2.8 MBS 351: Determining the relationship of non-specific amplicons of EFB PCR to the bacteria fauna of New Zealand honey bees

Programme Title: Determining the relationship of non-specific amplicons of EFB PCR to the bacteria fauna of New Zealand honey bees
Programme Leader: K.M.Tham (MAS320)
Institution: National Centre for Disease Investigation

Summary

A diverse microflora of microbes (56 bacteria and one yeast) was detected from 20 honey bee larvae. Tests using standard bacteriological biochemistry and advanced molecular techniques showed that the Bacillus sp.

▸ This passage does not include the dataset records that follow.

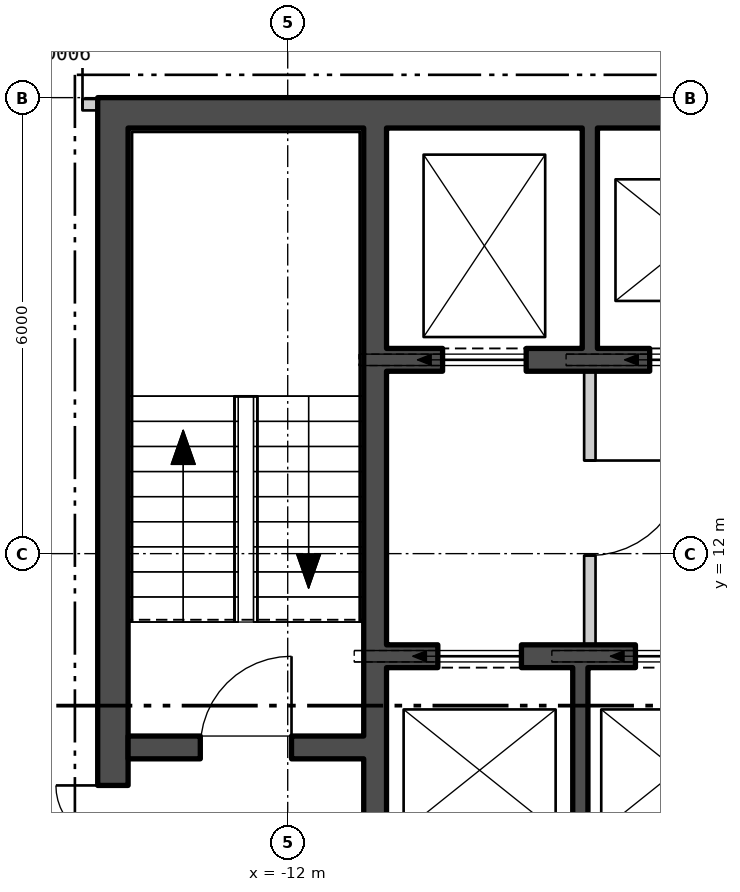
"""IFC4 building model, lengths in metres.
Left out: names, types, materials, properties, quantities, classifications, styles, units other than length and angle.
Written with IfcOpenShell. Run it as: python <this file> out.ifc"""

import sys

from ifc_helpers import new_model, si_unit, direction, frame, frame_2d, origin, place, context, subcontext, project, spatial, polyline, rectangle, outline, extrude, element, fill, save


model = new_model("IFC4")
c1 = context("Model", 3, precision=1e-05, world=origin(), true_north=direction((0.0, 1.0)))
c2 = subcontext(c1, "Body", "Model", "MODEL_VIEW")
j1 = project(units=[si_unit("LENGTHUNIT", "METRE"), si_unit("PLANEANGLEUNIT", "RADIAN")], contexts=[c1])
p1 = place(None, origin())
s1 = spatial("IfcSite", under=j1, at=p1, CompositionType="ELEMENT")
p2 = place(p1, origin())
s2 = spatial("IfcBuilding", under=s1, at=p2, CompositionType="ELEMENT")
p3 = place(p2, frame((0.0, 0.0, 298.2)))
s3 = spatial("IfcBuildingStorey", under=s2, at=p3, CompositionType="ELEMENT", Elevation=298.2)
p4 = place(p3, frame((-25.205, 15.931, -0.28), z_axis=(0.0, 0.0, 1.0), x_axis=(0.499999764979, -0.866025539474, 0.0)))
e1 = element("IfcWall", 1, at=p4, inside=s3, PredefinedType="SOLIDWALL", context=c2, shape_type="SweptSolid", body=[
    extrude(outline(polyline([(-0.13, -0.225), (45.87, -0.225), (45.61, 0.225), (0.13, 0.225), (-0.13, -0.225)])), origin(), (0.0, 0.0, 1.0), 6.1),
])
p5 = place(p4, frame((1.424, 0.0, 1.18)))
e2 = element("IfcOpeningElement", 2, at=p5, cuts=e1, PredefinedType="OPENING", context=c2, shape_type="SweptSolid", body=[
    extrude(rectangle(XDim=2.4, YDim=4.1, at=frame_2d((1.2, 2.05))), frame((0.0, 0.235, 0.0), z_axis=(0.0, -1.0, 0.0), x_axis=(1.0, 0.0, 0.0)), (0.0, 0.0, 1.0), 0.47),
])
p6 = place(p4, frame((5.893, 0.0, 1.18)))
e3 = element("IfcOpeningElement", 3, at=p6, cuts=e1, PredefinedType="OPENING", context=c2, shape_type="SweptSolid", body=[
    extrude(rectangle(XDim=2.4, YDim=4.1, at=frame_2d((1.2, 2.05))), frame((0.0, 0.235, 0.0), z_axis=(0.0, -1.0, 0.0), x_axis=(1.0, 0.0, 0.0)), (0.0, 0.0, 1.0), 0.47),
])
p7 = place(p4, frame((10.401, 0.0, 1.18)))
e4 = element("IfcOpeningElement", 4, at=p7, cuts=e1, PredefinedType="OPENING", context=c2, shape_type="SweptSolid", body=[
    extrude(rectangle(XDim=2.4, YDim=4.1, at=frame_2d((1.2, 2.05))), frame((0.0, 0.235, 0.0), z_axis=(0.0, -1.0, 0.0), x_axis=(1.0, 0.0, 0.0)), (0.0, 0.0, 1.0), 0.47),
])
p8 = place(p4, frame((14.909, 0.0, 1.18)))
e5 = element("IfcOpeningElement", 5, at=p8, cuts=e1, PredefinedType="OPENING", context=c2, shape_type="SweptSolid", body=[
    extrude(rectangle(XDim=2.4, YDim=4.1, at=frame_2d((1.2, 2.05))), frame((0.0, 0.235, 0.0), z_axis=(0.0, -1.0, 0.0), x_axis=(1.0, 0.0, 0.0)), (0.0, 0.0, 1.0), 0.47),
])
p9 = place(p4, frame((19.416, 0.0, 1.18)))
e6 = element("IfcOpeningElement", 6, at=p9, cuts=e1, PredefinedType="OPENING", context=c2, shape_type="SweptSolid", body=[
    extrude(rectangle(XDim=2.4, YDim=4.1, at=frame_2d((1.2, 2.05))), frame((0.0, 0.235, 0.0), z_axis=(0.0, -1.0, 0.0), x_axis=(1.0, 0.0, 0.0)), (0.0, 0.0, 1.0), 0.47),
])
p10 = place(p4, frame((23.924, 0.0, 1.18)))
e7 = element("IfcOpeningElement", 7, at=p10, cuts=e1, PredefinedType="OPENING", context=c2, shape_type="SweptSolid", body=[
    extrude(rectangle(XDim=2.4, YDim=4.1, at=frame_2d((1.2, 2.05))), frame((0.0, 0.235, 0.0), z_axis=(0.0, -1.0, 0.0), x_axis=(1.0, 0.0, 0.0)), (0.0, 0.0, 1.0), 0.47),
])
p11 = place(p4, frame((28.431, 0.0, 1.18)))
e8 = element("IfcOpeningElement", 8, at=p11, cuts=e1, PredefinedType="OPENING", context=c2, shape_type="SweptSolid", body=[
    extrude(rectangle(XDim=2.4, YDim=4.1, at=frame_2d((1.2, 2.05))), frame((0.0, 0.235, 0.0), z_axis=(0.0, -1.0, 0.0), x_axis=(1.0, 0.0, 0.0)), (0.0, 0.0, 1.0), 0.47),
])
p12 = place(p4, frame((32.939, 0.0, 1.18)))
e9 = element("IfcOpeningElement", 9, at=p12, cuts=e1, PredefinedType="OPENING", context=c2, shape_type="SweptSolid", body=[
    extrude(rectangle(XDim=2.4, YDim=4.1, at=frame_2d((1.2, 2.05))), frame((0.0, 0.235, 0.0), z_axis=(0.0, -1.0, 0.0), x_axis=(1.0, 0.0, 0.0)), (0.0, 0.0, 1.0), 0.47),
])
p13 = place(p4, frame((37.447, 0.0, 1.18)))
e10 = element("IfcOpeningElement", 10, at=p13, cuts=e1, PredefinedType="OPENING", context=c2, shape_type="SweptSolid", body=[
    extrude(rectangle(XDim=2.4, YDim=4.1, at=frame_2d((1.2, 2.05))), frame((0.0, 0.235, 0.0), z_axis=(0.0, -1.0, 0.0), x_axis=(1.0, 0.0, 0.0)), (0.0, 0.0, 1.0), 0.47),
])
p14 = place(p4, frame((41.916, 0.0, 1.18)))
e11 = element("IfcOpeningElement", 11, at=p14, cuts=e1, PredefinedType="OPENING", context=c2, shape_type="SweptSolid", body=[
    extrude(rectangle(XDim=2.4, YDim=4.1, at=frame_2d((1.2, 2.05))), frame((0.0, 0.235, 0.0), z_axis=(0.0, -1.0, 0.0), x_axis=(1.0, 0.0, 0.0)), (0.0, 0.0, 1.0), 0.47),
])
p15 = place(p3, frame((-14.5, 17.8, 0.0), z_axis=(0.0, 0.0, 1.0), x_axis=(1.0, 0.0, 0.0)))
e12 = element("IfcWall", 12, at=p15, inside=s3, PredefinedType="SHEAR", context=c2, shape_type="SweptSolid", body=[
    extrude(rectangle(XDim=29.0, YDim=0.4, at=frame_2d((14.5, 0.0))), origin(), (0.0, 0.0, 1.0), 5.8),
])
p16 = place(p3, frame((-14.3, 4.4, 0.0), z_axis=(0.0, 0.0, 1.0), x_axis=(0.0, 1.0, 0.0)))
e13 = element("IfcWall", 13, at=p16, inside=s3, PredefinedType="SHEAR", context=c2, shape_type="SweptSolid", body=[
    extrude(rectangle(XDim=13.2, YDim=0.4, at=frame_2d((6.6, 0.0))), origin(), (0.0, 0.0, 1.0), 5.8),
])
p17 = place(p16, frame((3.05, 0.0, 0.0)))
e14 = element("IfcOpeningElement", 14, at=p17, cuts=e13, PredefinedType="OPENING", context=c2, shape_type="SweptSolid", body=[
    extrude(rectangle(XDim=1.5, YDim=2.1, at=frame_2d((0.75, 1.05))), frame((0.0, 0.21, 0.0), z_axis=(0.0, -1.0, 0.0), x_axis=(1.0, 0.0, 0.0)), (0.0, 0.0, 1.0), 0.42),
])
p18 = place(p3, frame((-10.85, 4.4, 0.0), z_axis=(0.0, 0.0, 1.0), x_axis=(0.0, 1.0, 0.0)))
e15 = element("IfcWall", 15, at=p18, inside=s3, PredefinedType="SHEAR", context=c2, shape_type="SweptSolid", body=[
    extrude(rectangle(XDim=13.2, YDim=0.3, at=frame_2d((6.6, 0.0))), origin(), (0.0, 0.0, 1.0), 5.8),
])
p19 = place(p18, frame((1.575, 0.0, 0.0)))
e16 = element("IfcOpeningElement", 16, at=p19, cuts=e15, PredefinedType="OPENING", context=c2, shape_type="SweptSolid", body=[
    extrude(rectangle(XDim=1.25, YDim=2.1, at=frame_2d((0.625, 1.05))), frame((0.0, 0.16, 0.0), z_axis=(0.0, -1.0, 0.0), x_axis=(1.0, 0.0, 0.0)), (0.0, 0.0, 1.0), 0.32),
])
p20 = place(p18, frame((0.4, 0.0, 0.0)))
e17 = element("IfcOpeningElement", 17, at=p20, cuts=e15, PredefinedType="OPENING", context=c2, shape_type="SweptSolid", body=[
    extrude(rectangle(XDim=0.9, YDim=2.1, at=frame_2d((0.45, 1.05))), frame((0.0, 0.16, 0.0), z_axis=(0.0, -1.0, 0.0), x_axis=(1.0, 0.0, 0.0)), (0.0, 0.0, 1.0), 0.32),
])
p21 = place(p3, frame((-14.1, 9.45, 0.0), z_axis=(0.0, 0.0, 1.0), x_axis=(1.0, 0.0, 0.0)))
e18 = element("IfcWall", 18, at=p21, inside=s3, PredefinedType="SHEAR", context=c2, shape_type="SweptSolid", body=[
    extrude(rectangle(XDim=3.1, YDim=0.3, at=frame_2d((1.55, 0.0))), origin(), (0.0, 0.0, 1.0), 5.8),
])
p22 = place(p21, frame((0.95, 0.0, 0.0)))
e19 = element("IfcOpeningElement", 19, at=p22, cuts=e18, PredefinedType="OPENING", context=c2, shape_type="SweptSolid", body=[
    extrude(rectangle(XDim=1.2, YDim=2.1, at=frame_2d((0.6, 1.05))), frame((0.0, 0.16, 0.0), z_axis=(0.0, -1.0, 0.0), x_axis=(1.0, 0.0, 0.0)), (0.0, 0.0, 1.0), 0.32),
])
p23 = place(p3, frame((-10.7, 14.55, 0.0), z_axis=(0.0, 0.0, 1.0), x_axis=(1.0, 0.0, 0.0)))
e20 = element("IfcWall", 20, at=p23, inside=s3, PredefinedType="SHEAR", context=c2, shape_type="SweptSolid", body=[
    extrude(rectangle(XDim=21.4, YDim=0.3, at=frame_2d((10.7, 0.0))), origin(), (0.0, 0.0, 1.0), 5.8),
])
p24 = place(p23, frame((0.738, 0.0, 0.0)))
e21 = element("IfcOpeningElement", 21, at=p24, cuts=e20, PredefinedType="OPENING", context=c2, shape_type="SweptSolid", body=[
    extrude(rectangle(XDim=1.1, YDim=2.1, at=frame_2d((0.55, 1.05))), frame((0.0, 0.16, 0.0), z_axis=(0.0, -1.0, 0.0), x_axis=(1.0, 0.0, 0.0)), (0.0, 0.0, 1.0), 0.32),
])
p25 = place(p23, frame((3.462, 0.0, 0.0)))
e22 = element("IfcOpeningElement", 22, at=p25, cuts=e20, PredefinedType="OPENING", context=c2, shape_type="SweptSolid", body=[
    extrude(rectangle(XDim=1.1, YDim=2.1, at=frame_2d((0.55, 1.05))), frame((0.0, 0.16, 0.0), z_axis=(0.0, -1.0, 0.0), x_axis=(1.0, 0.0, 0.0)), (0.0, 0.0, 1.0), 0.32),
])
p26 = place(p23, frame((6.138, 0.0, 0.0)))
e23 = element("IfcOpeningElement", 23, at=p26, cuts=e20, PredefinedType="OPENING", context=c2, shape_type="SweptSolid", body=[
    extrude(rectangle(XDim=1.1, YDim=2.1, at=frame_2d((0.55, 1.05))), frame((0.0, 0.16, 0.0), z_axis=(0.0, -1.0, 0.0), x_axis=(1.0, 0.0, 0.0)), (0.0, 0.0, 1.0), 0.32),
])
p27 = place(p23, frame((8.812, 0.0, 0.0)))
e24 = element("IfcOpeningElement", 24, at=p27, cuts=e20, PredefinedType="OPENING", context=c2, shape_type="SweptSolid", body=[
    extrude(rectangle(XDim=1.1, YDim=2.1, at=frame_2d((0.55, 1.05))), frame((0.0, 0.16, 0.0), z_axis=(0.0, -1.0, 0.0), x_axis=(1.0, 0.0, 0.0)), (0.0, 0.0, 1.0), 0.32),
])
p28 = place(p23, frame((19.562, 0.0, 0.0)))
e25 = element("IfcOpeningElement", 25, at=p28, cuts=e20, PredefinedType="OPENING", context=c2, shape_type="SweptSolid", body=[
    extrude(rectangle(XDim=1.1, YDim=2.1, at=frame_2d((0.55, 1.05))), frame((0.0, 0.16, 0.0), z_axis=(0.0, -1.0, 0.0), x_axis=(1.0, 0.0, 0.0)), (0.0, 0.0, 1.0), 0.32),
])
p29 = place(p23, frame((12.875, 0.0, 0.0)))
e26 = element("IfcOpeningElement", 26, at=p29, cuts=e20, PredefinedType="OPENING", context=c2, shape_type="SweptSolid", body=[
    extrude(rectangle(XDim=1.0, YDim=2.1, at=frame_2d((0.5, 1.05))), frame((0.0, 0.16, 0.0), z_axis=(0.0, -1.0, 0.0), x_axis=(1.0, 0.0, 0.0)), (0.0, 0.0, 1.0), 0.32),
])
p30 = place(p23, frame((16.887, 0.0, 0.0)))
e27 = element("IfcOpeningElement", 27, at=p30, cuts=e20, PredefinedType="OPENING", context=c2, shape_type="SweptSolid", body=[
    extrude(rectangle(XDim=1.0, YDim=2.1, at=frame_2d((0.5, 1.05))), frame((0.0, 0.16, 0.0), z_axis=(0.0, -1.0, 0.0), x_axis=(1.0, 0.0, 0.0)), (0.0, 0.0, 1.0), 0.32),
])
p31 = place(p3, frame((-10.7, 10.65, 0.0), z_axis=(0.0, 0.0, 1.0), x_axis=(1.0, 0.0, 0.0)))
e28 = element("IfcWall", 28, at=p31, inside=s3, PredefinedType="SHEAR", context=c2, shape_type="SweptSolid", body=[
    extrude(rectangle(XDim=10.3, YDim=0.3, at=frame_2d((5.15, 0.0))), origin(), (0.0, 0.0, 1.0), 5.8),
])
p32 = place(p31, frame((0.675, 0.0, 0.0)))
e29 = element("IfcOpeningElement", 29, at=p32, cuts=e28, PredefinedType="OPENING", context=c2, shape_type="SweptSolid", body=[
    extrude(rectangle(XDim=1.1, YDim=2.1, at=frame_2d((0.55, 1.05))), frame((0.0, 0.16, 0.0), z_axis=(0.0, -1.0, 0.0), x_axis=(1.0, 0.0, 0.0)), (0.0, 0.0, 1.0), 0.32),
])
p33 = place(p31, frame((3.275, 0.0, 0.0)))
e30 = element("IfcOpeningElement", 30, at=p33, cuts=e28, PredefinedType="OPENING", context=c2, shape_type="SweptSolid", body=[
    extrude(rectangle(XDim=1.1, YDim=2.1, at=frame_2d((0.55, 1.05))), frame((0.0, 0.16, 0.0), z_axis=(0.0, -1.0, 0.0), x_axis=(1.0, 0.0, 0.0)), (0.0, 0.0, 1.0), 0.32),
])
p34 = place(p31, frame((5.825, 0.0, 0.0)))
e31 = element("IfcOpeningElement", 31, at=p34, cuts=e28, PredefinedType="OPENING", context=c2, shape_type="SweptSolid", body=[
    extrude(rectangle(XDim=1.1, YDim=2.1, at=frame_2d((0.55, 1.05))), frame((0.0, 0.16, 0.0), z_axis=(0.0, -1.0, 0.0), x_axis=(1.0, 0.0, 0.0)), (0.0, 0.0, 1.0), 0.32),
])
p35 = place(p31, frame((8.425, 0.0, 0.0)))
e32 = element("IfcOpeningElement", 32, at=p35, cuts=e28, PredefinedType="OPENING", context=c2, shape_type="SweptSolid", body=[
    extrude(rectangle(XDim=1.0, YDim=2.1, at=frame_2d((0.5, 1.05))), frame((0.0, 0.16, 0.0), z_axis=(0.0, -1.0, 0.0), x_axis=(1.0, 0.0, 0.0)), (0.0, 0.0, 1.0), 0.32),
])
p36 = place(p3, frame((-8.025, 14.7, 0.0), z_axis=(0.0, 0.0, 1.0), x_axis=(0.0, 1.0, 0.0)))
e33 = element("IfcWall", 33, at=p36, inside=s3, PredefinedType="SHEAR", context=c2, shape_type="SweptSolid", body=[
    extrude(rectangle(XDim=2.9, YDim=0.2, at=frame_2d((1.45, 0.0))), origin(), (0.0, 0.0, 1.0), 5.8),
])
p37 = place(p3, frame((-8.15, 7.8, 0.0), z_axis=(0.0, 0.0, 1.0), x_axis=(0.0, 1.0, 0.0)))
e34 = element("IfcWall", 34, at=p37, inside=s3, PredefinedType="SHEAR", context=c2, shape_type="SweptSolid", body=[
    extrude(rectangle(XDim=2.7, YDim=0.2, at=frame_2d((1.35, 0.0))), origin(), (0.0, 0.0, 1.0), 5.8),
])
p38 = place(p3, frame((-8.025, 10.8, 0.0), z_axis=(0.0, 0.0, 1.0), x_axis=(0.0, 1.0, 0.0)))
e35 = element("IfcWall", 35, at=p38, inside=s3, PredefinedType="PARTITIONING", context=c2, shape_type="SweptSolid", body=[
    extrude(rectangle(XDim=3.6, YDim=0.15, at=frame_2d((1.8, 0.0))), origin(), (0.0, 0.0, 1.0), 5.8),
])
p39 = place(p38, frame((1.175, 0.0, 0.0)))
e36 = element("IfcOpeningElement", 36, at=p39, cuts=e35, PredefinedType="OPENING", context=c2, shape_type="SweptSolid", body=[
    extrude(rectangle(XDim=1.25, YDim=2.1, at=frame_2d((0.625, 1.05))), frame((0.0, 0.085, 0.0), z_axis=(0.0, -1.0, 0.0), x_axis=(1.0, 0.0, 0.0)), (0.0, 0.0, 1.0), 0.17),
])
p40 = place(p3, frame((-16.225, 17.907, 0.0), z_axis=(0.0, 0.0, 1.0), x_axis=(1.0, 0.0, 0.0)))
e37 = element("IfcWall", 37, at=p40, inside=s3, PredefinedType="PARTITIONING", context=c2, shape_type="SweptSolid", body=[
    extrude(rectangle(XDim=1.725, YDim=0.15, at=frame_2d((0.863, 0.0))), origin(), (0.0, 0.0, 1.0), 5.4),
])
p41 = place(p40, frame((0.525, 0.0, 0.0)))
e38 = element("IfcOpeningElement", 38, at=p41, cuts=e37, PredefinedType="OPENING", context=c2, shape_type="SweptSolid", body=[
    extrude(rectangle(XDim=1.0, YDim=2.1, at=frame_2d((0.5, 1.05))), frame((0.0, 0.085, 0.0), z_axis=(0.0, -1.0, 0.0), x_axis=(1.0, 0.0, 0.0)), (0.0, 0.0, 1.0), 0.17),
])
p42 = place(p24, origin())
e39 = element("IfcDoor", 39, at=p42, inside=s3, OperationType="SLIDING_TO_LEFT", PredefinedType="DOOR", context=c2, shape_type="SweptSolid", body=[
    extrude(rectangle(XDim=1.1, YDim=2.1, at=frame_2d((0.55, 1.05))), frame((0.0, 0.025, 0.0), z_axis=(0.0, -1.0, 0.0), x_axis=(1.0, 0.0, 0.0)), (0.0, 0.0, 1.0), 0.05),
])
fill(e21, e39)
p43 = place(p25, origin())
e40 = element("IfcDoor", 40, at=p43, inside=s3, OperationType="SLIDING_TO_LEFT", PredefinedType="DOOR", context=c2, shape_type="SweptSolid", body=[
    extrude(rectangle(XDim=1.1, YDim=2.1, at=frame_2d((0.55, 1.05))), frame((0.0, 0.025, 0.0), z_axis=(0.0, -1.0, 0.0), x_axis=(1.0, 0.0, 0.0)), (0.0, 0.0, 1.0), 0.05),
])
fill(e22, e40)
p44 = place(p32, origin())
e41 = element("IfcDoor", 41, at=p44, inside=s3, OperationType="SLIDING_TO_LEFT", PredefinedType="DOOR", context=c2, shape_type="SweptSolid", body=[
    extrude(rectangle(XDim=1.1, YDim=2.1, at=frame_2d((0.55, 1.05))), frame((0.0, 0.025, 0.0), z_axis=(0.0, -1.0, 0.0), x_axis=(1.0, 0.0, 0.0)), (0.0, 0.0, 1.0), 0.05),
])
fill(e29, e41)
p45 = place(p33, origin())
e42 = element("IfcDoor", 42, at=p45, inside=s3, OperationType="SLIDING_TO_LEFT", PredefinedType="DOOR", context=c2, shape_type="SweptSolid", body=[
    extrude(rectangle(XDim=1.1, YDim=2.1, at=frame_2d((0.55, 1.05))), frame((0.0, 0.025, 0.0), z_axis=(0.0, -1.0, 0.0), x_axis=(1.0, 0.0, 0.0)), (0.0, 0.0, 1.0), 0.05),
])
fill(e30, e42)
p46 = place(p39, origin())
e43 = element("IfcDoor", 43, at=p46, inside=s3, OperationType="SINGLE_SWING_RIGHT", PredefinedType="DOOR", context=c2, shape_type="SweptSolid", body=[
    extrude(rectangle(XDim=1.25, YDim=2.1, at=frame_2d((0.625, 1.05))), frame((0.0, 0.025, 0.0), z_axis=(0.0, -1.0, 0.0), x_axis=(1.0, 0.0, 0.0)), (0.0, 0.0, 1.0), 0.05),
])
fill(e36, e43)
p47 = place(p22, origin())
e44 = element("IfcDoor", 44, at=p47, inside=s3, OperationType="SINGLE_SWING_LEFT", PredefinedType="DOOR", context=c2, shape_type="SweptSolid", body=[
    extrude(rectangle(XDim=1.2, YDim=2.1, at=frame_2d((0.6, 1.05))), frame((0.0, 0.025, 0.0), z_axis=(0.0, -1.0, 0.0), x_axis=(1.0, 0.0, 0.0)), (0.0, 0.0, 1.0), 0.05),
])
fill(e19, e44)
p48 = place(p17, origin())
e45 = element("IfcDoor", 45, at=p48, inside=s3, OperationType="DOUBLE_DOOR_SINGLE_SWING", PredefinedType="DOOR", context=c2, shape_type="SweptSolid", body=[
    extrude(rectangle(XDim=1.5, YDim=2.1, at=frame_2d((0.75, 1.05))), frame((0.0, 0.025, 0.0), z_axis=(0.0, -1.0, 0.0), x_axis=(1.0, 0.0, 0.0)), (0.0, 0.0, 1.0), 0.05),
])
fill(e14, e45)
p49 = place(p41, origin())
e46 = element("IfcDoor", 46, at=p49, inside=s3, OperationType="SINGLE_SWING_LEFT", PredefinedType="DOOR", context=c2, shape_type="SweptSolid", body=[
    extrude(rectangle(XDim=1.0, YDim=2.1, at=frame_2d((0.5, 1.05))), frame((0.0, 0.025, 0.0), z_axis=(0.0, -1.0, 0.0), x_axis=(1.0, 0.0, 0.0)), (0.0, 0.0, 1.0), 0.05),
])
fill(e38, e46)
save(model, sys.argv[1])

And the Lactobacillus sp were closely related to M pluton with respect to their bacterial 16S rRNA gene and could have been responsible for producing the non-specific amplicons seen in the EFB PCR.

Background

The goal of the project was to determine the relationship of the non-specific amplicons of the M pluton PCR with the bacteria microflora of the New Zealand honey bee larvae.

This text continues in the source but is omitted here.